Schwäne und Graugänse vom Wannsee verhungern

DEUTSCHLAND – Am Wannsee stehen 30 Schwäne und 20 Graugänse vor dem Hungertod. Da der See komplett zugefroren ist, finden die Tiere keine Nahrung. Zudem kommen im Winter nur wenige Spaziergänger vorbei, um die Vögel zu füttern.

Schwan

Gestern fand Stefan Klippstein, Aktivist der Tierrechtsorganisation PETA Deutschland e. V., einen ausgehungerten Schwan, der regungslos auf dem Eis lag. Er brachte das Tier in die Tierklinik Düppel. Offenbar Rettung in letzter Sekunde – der Schwan hätte die Nacht nicht überlebt, so der Tierarzt. Doch auch die 50 anderen Schwäne und Gänse brauchen dringend unsere Hilfe! Darum ruft PETA jetzt alle tierlieben Berliner dazu auf, die Wasservögel mit artgerechter Nahrung zu füttern. Dies ist z. B. Getreide, Haferflocken, Salat, gekochte und zerkleinerte Kartoffeln. Brot, das oft verfüttert wird, ist zwar nicht schädlich, bietet den Tieren aber nicht ausreichend Nährstoffe.

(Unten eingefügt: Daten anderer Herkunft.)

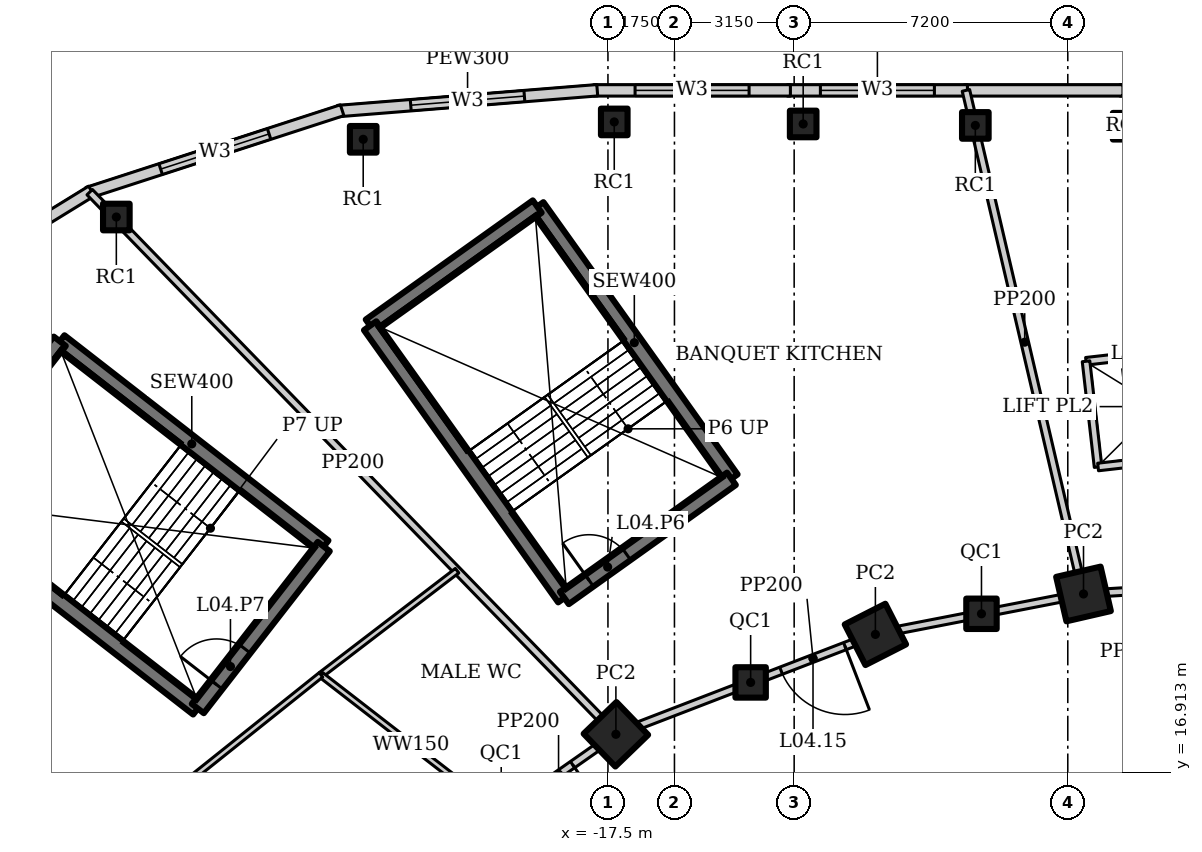
"""IFC4 building model, lengths in metres.
Left out: names, types, materials, properties, quantities, classifications, styles, units other than length and angle.
Written with IfcOpenShell. Run it as: python <this file> out.ifc"""

import sys

from ifc_helpers import new_model, si_unit, direction, frame, frame_2d, origin, origin_2d, place, context, subcontext, project, spatial, rectangle, hollow_rectangle, extrude, element, fill, save


model = new_model("IFC4")
c1 = context("Model", 3, precision=1e-05, world=origin(), true_north=direction((0.0, 1.0)))
c2 = subcontext(c1, "Body", "Model", "MODEL_VIEW")
j1 = project(units=[si_unit("LENGTHUNIT", "METRE"), si_unit("PLANEANGLEUNIT", "RADIAN")], contexts=[c1])
p1 = place(None, origin())
s1 = spatial("IfcSite", under=j1, at=p1, CompositionType="ELEMENT")
p2 = place(p1, origin())
s2 = spatial("IfcBuilding", under=s1, at=p2, CompositionType="ELEMENT")
p3 = place(p2, frame((0.0, 0.0, 27.0)))
s3 = spatial("IfcBuildingStorey", under=s2, at=p3, CompositionType="ELEMENT", Elevation=27.0)
for number, where, z_axis, x_axis in (
    (1, (-4.986, 21.598, 0.0), (0.0, 0.0, 1.0), (0.974, 0.225, 0.0)),
    (2, (-10.463, 20.534, 0.0), (0.0, 0.0, 1.0), (0.891, 0.454, 0.0)),
    (3, (-17.291, 17.905, 0.0), (0.0, 0.0, 1.0), (0.719, 0.695, 0.0)),
):
    element("IfcColumn", number, at=place(p3, frame(where, z_axis=z_axis, x_axis=x_axis)), inside=s3, PredefinedType="COLUMN", context=c2, shape_type="SweptSolid", body=[
        extrude(hollow_rectangle(XDim=1.2, YDim=1.2, WallThickness=0.1, at=origin_2d()), origin(), (0.0, 0.0, 1.0), 5.0),
    ])
for number, where, z_axis, x_axis in (
    (4, (-7.671, 21.076, 0.0), (0.0, 0.0, 1.0), (1.0, 0.0, 0.0)),
    (5, (-13.745, 19.27, 0.0), (0.0, 0.0, 1.0), (1.0, 0.0, 0.0)),
):
    element("IfcColumn", number, at=place(p3, frame(where, z_axis=z_axis, x_axis=x_axis)), inside=s3, PredefinedType="COLUMN", context=c2, shape_type="SweptSolid", body=[
        extrude(hollow_rectangle(XDim=0.8, YDim=0.8, WallThickness=0.05, at=origin_2d()), origin(), (0.0, 0.0, 1.0), 4.8),
    ])
for number, where, z_axis, x_axis in (
    (6, (-3.863, 33.907, 0.0), (0.0, 0.0, 1.0), (1.0, 0.0, 0.0)),
    (7, (-12.363, 33.966, 0.0), (0.0, 0.0, 1.0), (1.0, 0.0, 0.0)),
    (8, (-23.94, 33.563, 0.0), (0.0, 0.0, 1.0), (1.0, 0.0, 0.0)),
    (9, (-7.833, 33.928, 0.0), (0.0, 0.0, 1.0), (1.0, 0.0, 0.0)),
    (10, (-17.334, 34.02, 0.0), (0.0, 0.0, 1.0), (1.0, 0.0, 0.0)),
    (11, (-30.436, 31.518, 0.0), (0.0, 0.0, 1.0), (1.0, 0.0, 0.0)),
):
    element("IfcColumn", number, at=place(p3, frame(where, z_axis=z_axis, x_axis=x_axis)), inside=s3, PredefinedType="COLUMN", context=c2, shape_type="SweptSolid", body=[
        extrude(hollow_rectangle(XDim=0.7, YDim=0.7, WallThickness=0.04, at=origin_2d()), origin(), (0.0, 0.0, 1.0), 4.8),
    ])
p4 = place(p3, frame((0.04, 34.85, 0.0), z_axis=(0.0, 0.0, 1.0), x_axis=(-1.0, 0.0, 0.0)))
e12 = element("IfcWall", 12, at=p4, inside=s3, PredefinedType="SOLIDWALL", context=c2, shape_type="SweptSolid", body=[
    extrude(rectangle(XDim=4.068, YDim=0.3, at=frame_2d((2.034, 0.0))), origin(), (0.0, 0.0, 1.0), 4.8),
])
p5 = place(p3, frame((-3.948, 34.85, 0.0), z_axis=(0.0, 0.0, 1.0), x_axis=(-1.0, 0.0, 0.0)))
e13 = element("IfcWall", 13, at=p5, inside=s3, PredefinedType="SOLIDWALL", context=c2, shape_type="SweptSolid", body=[
    extrude(rectangle(XDim=4.173, YDim=0.3, at=frame_2d((2.086, 0.0))), origin(), (0.0, 0.0, 1.0), 4.8),
])
p6 = place(p3, frame((-8.04, 34.85, 0.0), z_axis=(0.0, 0.0, 1.0), x_axis=(-1.0, 0.0, 0.0)))
e14 = element("IfcWall", 14, at=p6, inside=s3, PredefinedType="SOLIDWALL", context=c2, shape_type="SweptSolid", body=[
    extrude(rectangle(XDim=4.739, YDim=0.3, at=frame_2d((2.369, 0.0))), origin(), (0.0, 0.0, 1.0), 4.8),
])
p7 = place(p6, frame((0.869, 0.0, 0.9)))
e15 = element("IfcOpeningElement", 15, at=p7, cuts=e14, PredefinedType="OPENING", context=c2, shape_type="SweptSolid", body=[
    extrude(rectangle(XDim=3.0, YDim=2.0, at=frame_2d((1.5, 1.0))), frame((0.0, 0.16, 0.0), z_axis=(0.0, -1.0, 0.0), x_axis=(1.0, 0.0, 0.0)), (0.0, 0.0, 1.0), 0.32),
])
p8 = place(p3, frame((-12.699, 34.85, 0.0), z_axis=(0.0, 0.0, 1.0), x_axis=(-1.0, 0.0, 0.0)))
e16 = element("IfcWall", 16, at=p8, inside=s3, PredefinedType="SOLIDWALL", context=c2, shape_type="SweptSolid", body=[
    extrude(rectangle(XDim=5.174, YDim=0.3, at=frame_2d((2.587, 0.0))), origin(), (0.0, 0.0, 1.0), 4.8),
])
p9 = place(p8, frame((1.087, 0.0, 0.9)))
e17 = element("IfcOpeningElement", 17, at=p9, cuts=e16, PredefinedType="OPENING", context=c2, shape_type="SweptSolid", body=[
    extrude(rectangle(XDim=3.0, YDim=2.0, at=frame_2d((1.5, 1.0))), frame((0.0, 0.16, 0.0), z_axis=(0.0, -1.0, 0.0), x_axis=(1.0, 0.0, 0.0)), (0.0, 0.0, 1.0), 0.32),
])
p10 = place(p3, frame((-17.781, 34.854, 0.0), z_axis=(0.0, 0.0, 1.0), x_axis=(-0.996791084449, -0.080047073422, 0.0)))
e18 = element("IfcWall", 18, at=p10, inside=s3, PredefinedType="SOLIDWALL", context=c2, shape_type="SweptSolid", body=[
    extrude(rectangle(XDim=6.847, YDim=0.3, at=frame_2d((3.424, 0.0))), origin(), (0.0, 0.0, 1.0), 4.8),
])
p11 = place(p10, frame((1.924, 0.0, 0.9)))
e19 = element("IfcOpeningElement", 19, at=p11, cuts=e18, PredefinedType="OPENING", context=c2, shape_type="SweptSolid", body=[
    extrude(rectangle(XDim=3.0, YDim=2.0, at=frame_2d((1.5, 1.0))), frame((0.0, 0.16, 0.0), z_axis=(0.0, -1.0, 0.0), x_axis=(1.0, 0.0, 0.0)), (0.0, 0.0, 1.0), 0.32),
])
p12 = place(p3, frame((-24.495, 34.328, 0.0), z_axis=(0.0, 0.0, 1.0), x_axis=(-0.951140010357, -0.308759907853, 0.0)))
e20 = element("IfcWall", 20, at=p12, inside=s3, PredefinedType="SOLIDWALL", context=c2, shape_type="SweptSolid", body=[
    extrude(rectangle(XDim=7.041, YDim=0.3, at=frame_2d((3.521, 0.0))), origin(), (0.0, 0.0, 1.0), 4.8),
])
p13 = place(p12, frame((2.021, 0.0, 0.9)))
e21 = element("IfcOpeningElement", 21, at=p13, cuts=e20, PredefinedType="OPENING", context=c2, shape_type="SweptSolid", body=[
    extrude(rectangle(XDim=3.0, YDim=2.0, at=frame_2d((1.5, 1.0))), frame((0.0, 0.16, 0.0), z_axis=(0.0, -1.0, 0.0), x_axis=(1.0, 0.0, 0.0)), (0.0, 0.0, 1.0), 0.32),
])
p14 = place(p3, frame((-31.088, 32.202, 0.0), z_axis=(0.0, 0.0, 1.0), x_axis=(-0.851808565246, -0.52385319334, 0.0)))
e22 = element("IfcWall", 22, at=p14, inside=s3, PredefinedType="SOLIDWALL", context=c2, shape_type="SweptSolid", body=[
    extrude(rectangle(XDim=6.861, YDim=0.3, at=frame_2d((3.43, 0.0))), origin(), (0.0, 0.0, 1.0), 4.8),
])
p15 = place(p14, frame((1.93, 0.0, 0.9)))
e23 = element("IfcOpeningElement", 23, at=p15, cuts=e22, PredefinedType="OPENING", context=c2, shape_type="SweptSolid", body=[
    extrude(rectangle(XDim=3.0, YDim=2.0, at=frame_2d((1.5, 1.0))), frame((0.0, 0.16, 0.0), z_axis=(0.0, -1.0, 0.0), x_axis=(1.0, 0.0, 0.0)), (0.0, 0.0, 1.0), 0.32),
])
p16 = place(p3, frame((-2.478, 21.75, 0.0), z_axis=(0.0, 0.0, 1.0), x_axis=(-0.998172405641, -0.060430527186, 0.0)))
e24 = element("IfcWall", 24, at=p16, inside=s3, PredefinedType="SOLIDWALL", context=c2, shape_type="SweptSolid", body=[
    extrude(rectangle(XDim=2.513, YDim=0.2, at=frame_2d((1.256, 0.0))), origin(), (0.0, 0.0, 1.0), 4.394),
])
p17 = place(p3, frame((-4.986, 21.598, 0.0), z_axis=(0.0, 0.0, 1.0), x_axis=(-0.981637218105, -0.190757364289, 0.0)))
e25 = element("IfcWall", 25, at=p17, inside=s3, PredefinedType="SOLIDWALL", context=c2, shape_type="SweptSolid", body=[
    extrude(rectangle(XDim=2.735, YDim=0.2, at=frame_2d((1.368, 0.0))), origin(), (0.0, 0.0, 1.0), 4.302),
])
p18 = place(p3, frame((-7.671, 21.076, 0.0), z_axis=(0.0, 0.0, 1.0), x_axis=(-0.98163593748, -0.190763954266, 0.0)))
e26 = element("IfcWall", 26, at=p18, inside=s3, PredefinedType="SOLIDWALL", context=c2, shape_type="SweptSolid", body=[
    extrude(rectangle(XDim=2.844, YDim=0.2, at=frame_2d((1.422, 0.0))), origin(), (0.0, 0.0, 1.0), 4.394),
])
p19 = place(p3, frame((-10.463, 20.534, 0.0), z_axis=(0.0, 0.0, 1.0), x_axis=(-0.933241815012, -0.359248820058, 0.0)))
e27 = element("IfcWall", 27, at=p19, inside=s3, PredefinedType="SOLIDWALL", context=c2, shape_type="SweptSolid", body=[
    extrude(rectangle(XDim=3.518, YDim=0.2, at=frame_2d((1.759, 0.0))), origin(), (0.0, 0.0, 1.0), 4.394),
])
p20 = place(p19, frame((0.859, 0.0, 0.0)))
e28 = element("IfcOpeningElement", 28, at=p20, cuts=e27, PredefinedType="OPENING", context=c2, shape_type="SweptSolid", body=[
    extrude(rectangle(XDim=1.8, YDim=2.4, at=frame_2d((0.9, 1.2))), frame((0.0, 0.11, 0.0), z_axis=(0.0, -1.0, 0.0), x_axis=(1.0, 0.0, 0.0)), (0.0, 0.0, 1.0), 0.22),
])
p21 = place(p3, frame((-13.745, 19.27, 0.0), z_axis=(0.0, 0.0, 1.0), x_axis=(-0.933224646415, -0.359293416754, 0.0)))
e29 = element("IfcWall", 29, at=p21, inside=s3, PredefinedType="SOLIDWALL", context=c2, shape_type="SweptSolid", body=[
    extrude(rectangle(XDim=3.799, YDim=0.2, at=frame_2d((1.899, 0.0))), origin(), (0.0, 0.0, 1.0), 4.394),
])
p22 = place(p3, frame((-17.291, 17.905, 0.0), z_axis=(0.0, 0.0, 1.0), x_axis=(-0.819409395821, -0.573208724672, 0.0)))
e30 = element("IfcWall", 30, at=p22, inside=s3, PredefinedType="SOLIDWALL", context=c2, shape_type="SweptSolid", body=[
    extrude(rectangle(XDim=3.683, YDim=0.2, at=frame_2d((1.841, 0.0))), origin(), (0.0, 0.0, 1.0), 4.338),
])
p23 = place(p22, frame((1.391, 0.0, 0.0)))
e31 = element("IfcOpeningElement", 31, at=p23, cuts=e30, PredefinedType="OPENING", context=c2, shape_type="SweptSolid", body=[
    extrude(rectangle(XDim=0.9, YDim=2.1, at=frame_2d((0.45, 1.05))), frame((0.0, 0.11, 0.0), z_axis=(0.0, -1.0, 0.0), x_axis=(1.0, 0.0, 0.0)), (0.0, 0.0, 1.0), 0.22),
])
p24 = place(p3, frame((-4.986, 21.598, 0.0), z_axis=(0.0, 0.0, 1.0), x_axis=(-0.227360055616, 0.973810764528, 0.0)))
e32 = element("IfcWall", 32, at=p24, inside=s3, PredefinedType="SOLIDWALL", context=c2, shape_type="SweptSolid", body=[
    extrude(rectangle(XDim=13.608, YDim=0.2, at=frame_2d((6.804, 0.0))), origin(), (0.0, 0.0, 1.0), 3.878),
])
p25 = place(p3, frame((-17.291, 17.905, 0.0), z_axis=(0.0, 0.0, 1.0), x_axis=(-0.696460684513, 0.717594951855, 0.0)))
e33 = element("IfcWall", 33, at=p25, inside=s3, PredefinedType="SOLIDWALL", context=c2, shape_type="SweptSolid", body=[
    extrude(rectangle(XDim=19.881, YDim=0.2, at=frame_2d((9.94, 0.0))), origin(), (0.0, 0.0, 1.0), 3.3),
])
p26 = place(p3, frame((-21.469, 22.211, 0.0), z_axis=(0.0, 0.0, 1.0), x_axis=(-0.794122703503, -0.607757461313, 0.0)))
e34 = element("IfcWall", 34, at=p26, inside=s3, PredefinedType="SOLIDWALL", context=c2, shape_type="SweptSolid", body=[
    extrude(rectangle(XDim=4.51, YDim=0.15, at=frame_2d((2.255, 0.0))), origin(), (0.0, 0.0, 1.0), 4.8),
])
p27 = place(p3, frame((-20.309, 15.794, 0.0), z_axis=(0.0, 0.0, 1.0), x_axis=(-0.790437708207, 0.61254243073, 0.0)))
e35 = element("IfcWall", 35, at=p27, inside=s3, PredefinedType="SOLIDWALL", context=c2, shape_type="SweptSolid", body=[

Die Tiere haben sich am Wannsee im Bereich des Wanderparkplatzes, Nähe Lindwerder versammelt. In harten Wintern und bei Frostperioden ist eine Fütterung von Wildtieren nicht nur erlaubt, sondern zwingend notwendig.

„Es befinden sich viele Jungtiere in der Gruppe. Sie werden den harten Winter ohne Hilfe der Menschen vermutlich nicht überleben.